The Prime Minister’s recent jobs-growth trumpeting took some unpacking (in two articles by Bernard Keane), but Crikey readers felt up to the task of deconstructing the more spurious side of his spin. Elsewhere, readers weighed in on backbencher Kevin Andrews, and the misunderstood public art of Perth.
John Kotsopoulos writes: What ScheMo also failed to mention is that just 55% of the jobs, or 676,000 of 1.239 million, created since September 2013 have been full time. In other words, his mob’s stewardship of the economy is turning full time jobs into often insecure part time ones at a great rate of knots. His next trick must surely be to halve national debt by bringing in guillotines at the Reserve Bank to cut in half tens of billions in freshly printed $100 notes.

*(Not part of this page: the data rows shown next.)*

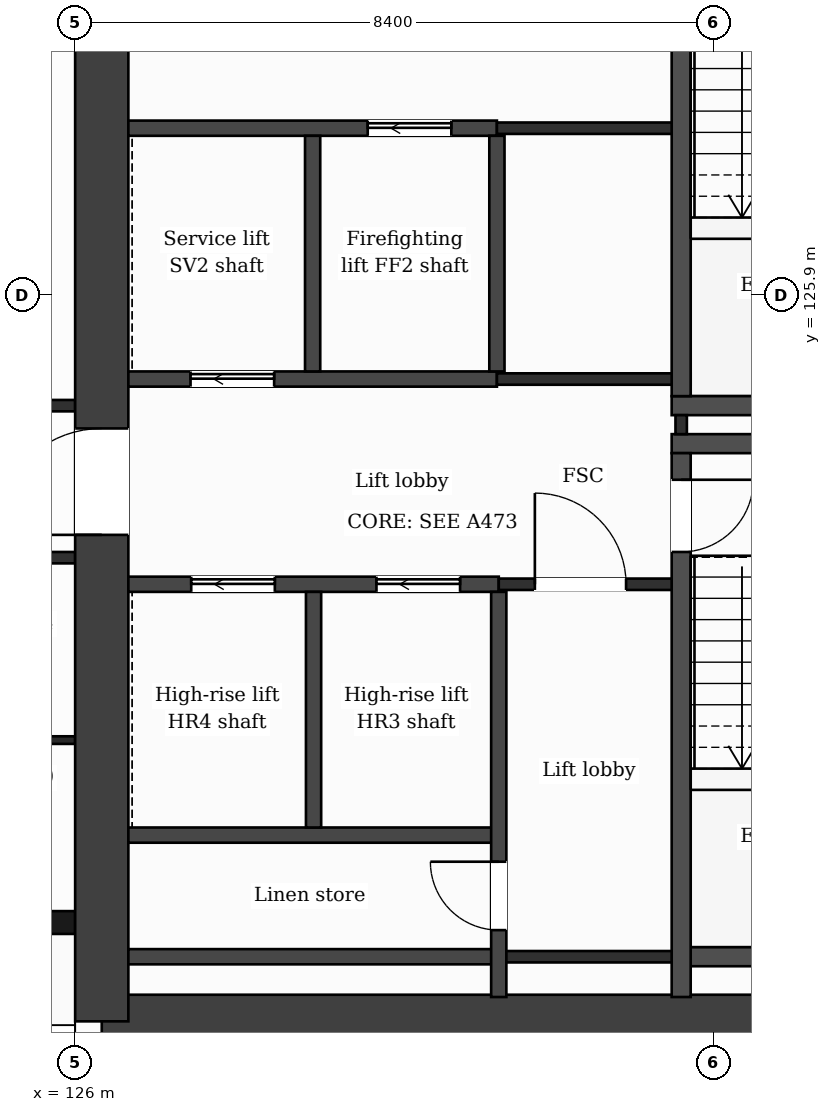
"""IFC4 building model, lengths in metres.
Left out: names, types, materials, properties, quantities, classifications, styles, units other than length and angle.
Written with IfcOpenShell. Run it as: python <this file> out.ifc"""

import sys

from ifc_helpers import new_model, si_unit, direction, frame, frame_2d, origin, place, context, subcontext, project, spatial, rectangle, extrude, element, fill, save


model = new_model("IFC4")
c1 = context("Model", 3, precision=1e-05, world=origin(), true_north=direction((0.0, 1.0)))
c2 = subcontext(c1, "Body", "Model", "MODEL_VIEW")
j1 = project(units=[si_unit("LENGTHUNIT", "METRE"), si_unit("PLANEANGLEUNIT", "RADIAN")], contexts=[c1])
p1 = place(None, origin())
s1 = spatial("IfcSite", under=j1, at=p1, CompositionType="ELEMENT")
p2 = place(p1, origin())
s2 = spatial("IfcBuilding", under=s1, at=p2, CompositionType="ELEMENT")
p3 = place(p2, frame((0.0, 0.0, 296.0)))
s3 = spatial("IfcBuildingStorey", under=s2, at=p3, CompositionType="ELEMENT", Elevation=296.0)
p4 = place(p3, frame((139.977, 116.35, 0.0), z_axis=(0.0, 0.0, 1.0), x_axis=(-1.0, 0.0, 0.0)))
e1 = element("IfcWall", 1, at=p4, inside=s3, PredefinedType="SHEAR", context=c2, shape_type="SweptSolid", body=[
    extrude(rectangle(XDim=13.626, YDim=0.7, at=frame_2d((6.813, 0.0))), origin(), (0.0, 0.0, 1.0), 3.7),
])
p5 = place(p3, frame((126.35, 116.35, 0.0), z_axis=(0.0, 0.0, 1.0), x_axis=(0.0, 1.0, 0.0)))
e2 = element("IfcWall", 2, at=p5, inside=s3, PredefinedType="SHEAR", context=c2, shape_type="SweptSolid", body=[
    extrude(rectangle(XDim=15.7, YDim=0.7, at=frame_2d((7.85, 0.0))), origin(), (0.0, 0.0, 1.0), 3.7),
])
p6 = place(p5, frame((6.4, 0.0, 0.0)))
e3 = element("IfcOpeningElement", 3, at=p6, cuts=e2, PredefinedType="OPENING", context=c2, shape_type="SweptSolid", body=[
    extrude(rectangle(XDim=1.4, YDim=2.1, at=frame_2d((0.7, 1.05))), frame((0.0, 0.36, 0.0), z_axis=(0.0, -1.0, 0.0), x_axis=(1.0, 0.0, 0.0)), (0.0, 0.0, 1.0), 0.72),
])
p7 = place(p3, frame((100.8, 117.65, 0.0), z_axis=(0.0, 0.0, 1.0), x_axis=(1.0, 0.0, 0.0)))
e4 = element("IfcWall", 4, at=p7, inside=s3, PredefinedType="SOLIDWALL", context=c2, shape_type="SweptSolid", body=[
    extrude(rectangle(XDim=25.2, YDim=0.3, at=frame_2d((12.6, 0.0))), origin(), (0.0, 0.0, 1.0), 3.38),
])
p8 = place(p7, frame((1.55, 0.0, 0.9)))
e5 = element("IfcOpeningElement", 5, at=p8, cuts=e4, PredefinedType="OPENING", context=c2, shape_type="SweptSolid", body=[
    extrude(rectangle(XDim=1.2, YDim=2.1, at=frame_2d((0.6, 1.05))), frame((0.0, 0.16, 0.0), z_axis=(0.0, -1.0, 0.0), x_axis=(1.0, 0.0, 0.0)), (0.0, 0.0, 1.0), 0.32),
])
p9 = place(p7, frame((5.7, 0.0, 0.9)))
e6 = element("IfcOpeningElement", 6, at=p9, cuts=e4, PredefinedType="OPENING", context=c2, shape_type="SweptSolid", body=[
    extrude(rectangle(XDim=1.2, YDim=2.1, at=frame_2d((0.6, 1.05))), frame((0.0, 0.16, 0.0), z_axis=(0.0, -1.0, 0.0), x_axis=(1.0, 0.0, 0.0)), (0.0, 0.0, 1.0), 0.32),
])
p10 = place(p7, frame((9.0, 0.0, 0.0)))
e7 = element("IfcOpeningElement", 7, at=p10, cuts=e4, PredefinedType="OPENING", context=c2, shape_type="SweptSolid", body=[
    extrude(rectangle(XDim=1.2, YDim=2.4, at=frame_2d((0.6, 1.2))), frame((0.0, 0.16, 0.0), z_axis=(0.0, -1.0, 0.0), x_axis=(1.0, 0.0, 0.0)), (0.0, 0.0, 1.0), 0.32),
])
p11 = place(p7, frame((10.8, 0.0, 0.9)))
e8 = element("IfcOpeningElement", 8, at=p11, cuts=e4, PredefinedType="OPENING", context=c2, shape_type="SweptSolid", body=[
    extrude(rectangle(XDim=1.2, YDim=2.1, at=frame_2d((0.6, 1.05))), frame((0.0, 0.16, 0.0), z_axis=(0.0, -1.0, 0.0), x_axis=(1.0, 0.0, 0.0)), (0.0, 0.0, 1.0), 0.32),
])
p12 = place(p7, frame((13.5, 0.0, 0.9)))
e9 = element("IfcOpeningElement", 9, at=p12, cuts=e4, PredefinedType="OPENING", context=c2, shape_type="SweptSolid", body=[
    extrude(rectangle(XDim=2.4, YDim=2.1, at=frame_2d((1.2, 1.05))), frame((0.0, 0.16, 0.0), z_axis=(0.0, -1.0, 0.0), x_axis=(1.0, 0.0, 0.0)), (0.0, 0.0, 1.0), 0.32),
])
p13 = place(p7, frame((17.4, 0.0, 0.0)))
e10 = element("IfcOpeningElement", 10, at=p13, cuts=e4, PredefinedType="OPENING", context=c2, shape_type="SweptSolid", body=[
    extrude(rectangle(XDim=1.2, YDim=2.4, at=frame_2d((0.6, 1.2))), frame((0.0, 0.16, 0.0), z_axis=(0.0, -1.0, 0.0), x_axis=(1.0, 0.0, 0.0)), (0.0, 0.0, 1.0), 0.32),
])
p14 = place(p7, frame((19.2, 0.0, 0.9)))
e11 = element("IfcOpeningElement", 11, at=p14, cuts=e4, PredefinedType="OPENING", context=c2, shape_type="SweptSolid", body=[
    extrude(rectangle(XDim=1.2, YDim=2.1, at=frame_2d((0.6, 1.05))), frame((0.0, 0.16, 0.0), z_axis=(0.0, -1.0, 0.0), x_axis=(1.0, 0.0, 0.0)), (0.0, 0.0, 1.0), 0.32),
])
p15 = place(p7, frame((21.85, 0.0, 0.9)))
e12 = element("IfcOpeningElement", 12, at=p15, cuts=e4, PredefinedType="OPENING", context=c2, shape_type="SweptSolid", body=[
    extrude(rectangle(XDim=2.4, YDim=2.1, at=frame_2d((1.2, 1.05))), frame((0.0, 0.16, 0.0), z_axis=(0.0, -1.0, 0.0), x_axis=(1.0, 0.0, 0.0)), (0.0, 0.0, 1.0), 0.32),
])
p16 = place(p3, frame((126.7, 117.2, 0.0), z_axis=(0.0, 0.0, 1.0), x_axis=(1.0, 0.0, 0.0)))
e13 = element("IfcWall", 13, at=p16, inside=s3, PredefinedType="PARTITIONING", context=c2, shape_type="SweptSolid", body=[
    extrude(rectangle(XDim=4.873, YDim=0.2, at=frame_2d((2.437, 0.0))), origin(), (0.0, 0.0, 1.0), 3.38),
])
p17 = place(p3, frame((131.573, 117.2, 0.0), z_axis=(0.0, 0.0, 1.0), x_axis=(1.0, 0.0, 0.0)))
e14 = element("IfcWall", 14, at=p17, inside=s3, PredefinedType="PARTITIONING", context=c2, shape_type="SweptSolid", body=[
    extrude(rectangle(XDim=2.4, YDim=0.15, at=frame_2d((1.2, 0.0))), origin(), (0.0, 0.0, 1.0), 3.38),
])
p18 = place(p3, frame((133.973, 117.2, 0.0), z_axis=(0.0, 0.0, 1.0), x_axis=(1.0, 0.0, 0.0)))
e15 = element("IfcWall", 15, at=p18, inside=s3, PredefinedType="PARTITIONING", context=c2, shape_type="SweptSolid", body=[
    extrude(rectangle(XDim=3.275, YDim=0.25, at=frame_2d((1.638, 0.0))), origin(), (0.0, 0.0, 1.0), 3.38),
])
p19 = place(p3, frame((126.7, 118.8, 0.0), z_axis=(0.0, 0.0, 1.0), x_axis=(1.0, 0.0, 0.0)))
e16 = element("IfcWall", 16, at=p19, inside=s3, PredefinedType="PARTITIONING", context=c2, shape_type="SweptSolid", body=[
    extrude(rectangle(XDim=4.873, YDim=0.2, at=frame_2d((2.437, 0.0))), origin(), (0.0, 0.0, 1.0), 3.38),
])
p20 = place(p3, frame((123.25, 120.05, 0.0), z_axis=(0.0, 0.0, 1.0), x_axis=(1.0, 0.0, 0.0)))
e17 = element("IfcWall", 17, at=p20, inside=s3, PredefinedType="PARTITIONING", context=c2, shape_type="SweptSolid", body=[
    extrude(rectangle(XDim=2.75, YDim=0.1, at=frame_2d((1.375, 0.0))), origin(), (0.0, 0.0, 1.0), 3.38),
])
p21 = place(p20, frame((1.0, 0.0, 0.0)))
e18 = element("IfcOpeningElement", 18, at=p21, cuts=e17, PredefinedType="OPENING", context=c2, shape_type="SweptSolid", body=[
    extrude(rectangle(XDim=0.8, YDim=2.1, at=frame_2d((0.4, 1.05))), frame((0.0, 0.06, 0.0), z_axis=(0.0, -1.0, 0.0), x_axis=(1.0, 0.0, 0.0)), (0.0, 0.0, 1.0), 0.12),
])
p22 = place(p3, frame((126.7, 122.1, 0.0), z_axis=(0.0, 0.0, 1.0), x_axis=(1.0, 0.0, 0.0)))
e19 = element("IfcWall", 19, at=p22, inside=s3, PredefinedType="PARTITIONING", context=c2, shape_type="SweptSolid", body=[
    extrude(rectangle(XDim=4.873, YDim=0.2, at=frame_2d((2.437, 0.0))), origin(), (0.0, 0.0, 1.0), 3.38),
])
p23 = place(p22, frame((3.264, 0.0, 0.0)))
e20 = element("IfcOpeningElement", 20, at=p23, cuts=e19, PredefinedType="OPENING", context=c2, shape_type="SweptSolid", body=[
    extrude(rectangle(XDim=1.1, YDim=2.1, at=frame_2d((0.55, 1.05))), frame((0.0, 0.11, 0.0), z_axis=(0.0, -1.0, 0.0), x_axis=(1.0, 0.0, 0.0)), (0.0, 0.0, 1.0), 0.22),
])
p24 = place(p22, frame((0.827, 0.0, 0.0)))
e21 = element("IfcOpeningElement", 21, at=p24, cuts=e19, PredefinedType="OPENING", context=c2, shape_type="SweptSolid", body=[
    extrude(rectangle(XDim=1.1, YDim=2.1, at=frame_2d((0.55, 1.05))), frame((0.0, 0.11, 0.0), z_axis=(0.0, -1.0, 0.0), x_axis=(1.0, 0.0, 0.0)), (0.0, 0.0, 1.0), 0.22),
])
p25 = place(p3, frame((131.573, 122.1, 0.0), z_axis=(0.0, 0.0, 1.0), x_axis=(1.0, 0.0, 0.0)))
e22 = element("IfcWall", 22, at=p25, inside=s3, PredefinedType="PARTITIONING", context=c2, shape_type="SweptSolid", body=[
    extrude(rectangle(XDim=2.4, YDim=0.15, at=frame_2d((1.2, 0.0))), origin(), (0.0, 0.0, 1.0), 3.38),
])
p26 = place(p25, frame((0.475, 0.0, 0.0)))
e23 = element("IfcOpeningElement", 23, at=p26, cuts=e22, PredefinedType="OPENING", context=c2, shape_type="SweptSolid", body=[
    extrude(rectangle(XDim=1.2, YDim=2.1, at=frame_2d((0.6, 1.05))), frame((0.0, 0.085, 0.0), z_axis=(0.0, -1.0, 0.0), x_axis=(1.0, 0.0, 0.0)), (0.0, 0.0, 1.0), 0.17),
])
p27 = place(p3, frame((100.8, 122.45, 0.0), z_axis=(0.0, 0.0, 1.0), x_axis=(1.0, 0.0, 0.0)))
e24 = element("IfcWall", 24, at=p27, inside=s3, PredefinedType="PARTITIONING", context=c2, shape_type="SweptSolid", body=[
    extrude(rectangle(XDim=25.2, YDim=0.15, at=frame_2d((12.6, 0.0))), origin(), (0.0, 0.0, 1.0), 3.38),
])
p28 = place(p27, frame((1.6, 0.0, 0.0)))
e25 = element("IfcOpeningElement", 25, at=p28, cuts=e24, PredefinedType="OPENING", context=c2, shape_type="SweptSolid", body=[
    extrude(rectangle(XDim=1.0, YDim=2.1, at=frame_2d((0.5, 1.05))), frame((0.0, 0.085, 0.0), z_axis=(0.0, -1.0, 0.0), x_axis=(1.0, 0.0, 0.0)), (0.0, 0.0, 1.0), 0.17),
])
p29 = place(p27, frame((11.12, 0.0, 0.0)))
e26 = element("IfcOpeningElement", 26, at=p29, cuts=e24, PredefinedType="OPENING", context=c2, shape_type="SweptSolid", body=[
    extrude(rectangle(XDim=0.95, YDim=2.1, at=frame_2d((0.475, 1.05))), frame((0.0, 0.085, 0.0), z_axis=(0.0, -1.0, 0.0), x_axis=(1.0, 0.0, 0.0)), (0.0, 0.0, 1.0), 0.17),
])
p30 = place(p27, frame((13.05, 0.0, 0.0)))
e27 = element("IfcOpeningElement", 27, at=p30, cuts=e24, PredefinedType="OPENING", context=c2, shape_type="SweptSolid", body=[
    extrude(rectangle(XDim=1.0, YDim=2.1, at=frame_2d((0.5, 1.05))), frame((0.0, 0.085, 0.0), z_axis=(0.0, -1.0, 0.0), x_axis=(1.0, 0.0, 0.0)), (0.0, 0.0, 1.0), 0.17),
])
p31 = place(p27, frame((19.61, 0.0, 0.0)))
e28 = element("IfcOpeningElement", 28, at=p31, cuts=e24, PredefinedType="OPENING", context=c2, shape_type="SweptSolid", body=[
    extrude(rectangle(XDim=0.95, YDim=2.1, at=frame_2d((0.475, 1.05))), frame((0.0, 0.085, 0.0), z_axis=(0.0, -1.0, 0.0), x_axis=(1.0, 0.0, 0.0)), (0.0, 0.0, 1.0), 0.17),
])
p32 = place(p27, frame((21.275, 0.0, 0.0)))
e29 = element("IfcOpeningElement", 29, at=p32, cuts=e24, PredefinedType="OPENING", context=c2, shape_type="SweptSolid", body=[
    extrude(rectangle(XDim=0.95, YDim=2.1, at=frame_2d((0.475, 1.05))), frame((0.0, 0.085, 0.0), z_axis=(0.0, -1.0, 0.0), x_axis=(1.0, 0.0, 0.0)), (0.0, 0.0, 1.0), 0.17),
])
for number, where, z_axis, x_axis in (
    (30, (133.848, 123.95, 0.0), (0.0, 0.0, 1.0), (1.0, 0.0, 0.0)),
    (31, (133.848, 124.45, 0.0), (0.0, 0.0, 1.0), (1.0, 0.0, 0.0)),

Anne Lampe writes: What does it matter how big the claimed budget surplus is, if wage earners feel only worse off because they haven’t had a real pay rise in years and he isn’t offering any? He’s all for big business and tax cuts and has no idea how ordinary Australians struggle to pay their bills and find a job that offers more than an hour a week.
Mark E Smith writes: Saying a strong economy creates conditions for wage growth is quite true and fair comment. It’s just the step from one to the other that’s been a bit stuck for some years now. I’m sure it’ll be fine after they’re re-elected. Or re re-elected, or re re re…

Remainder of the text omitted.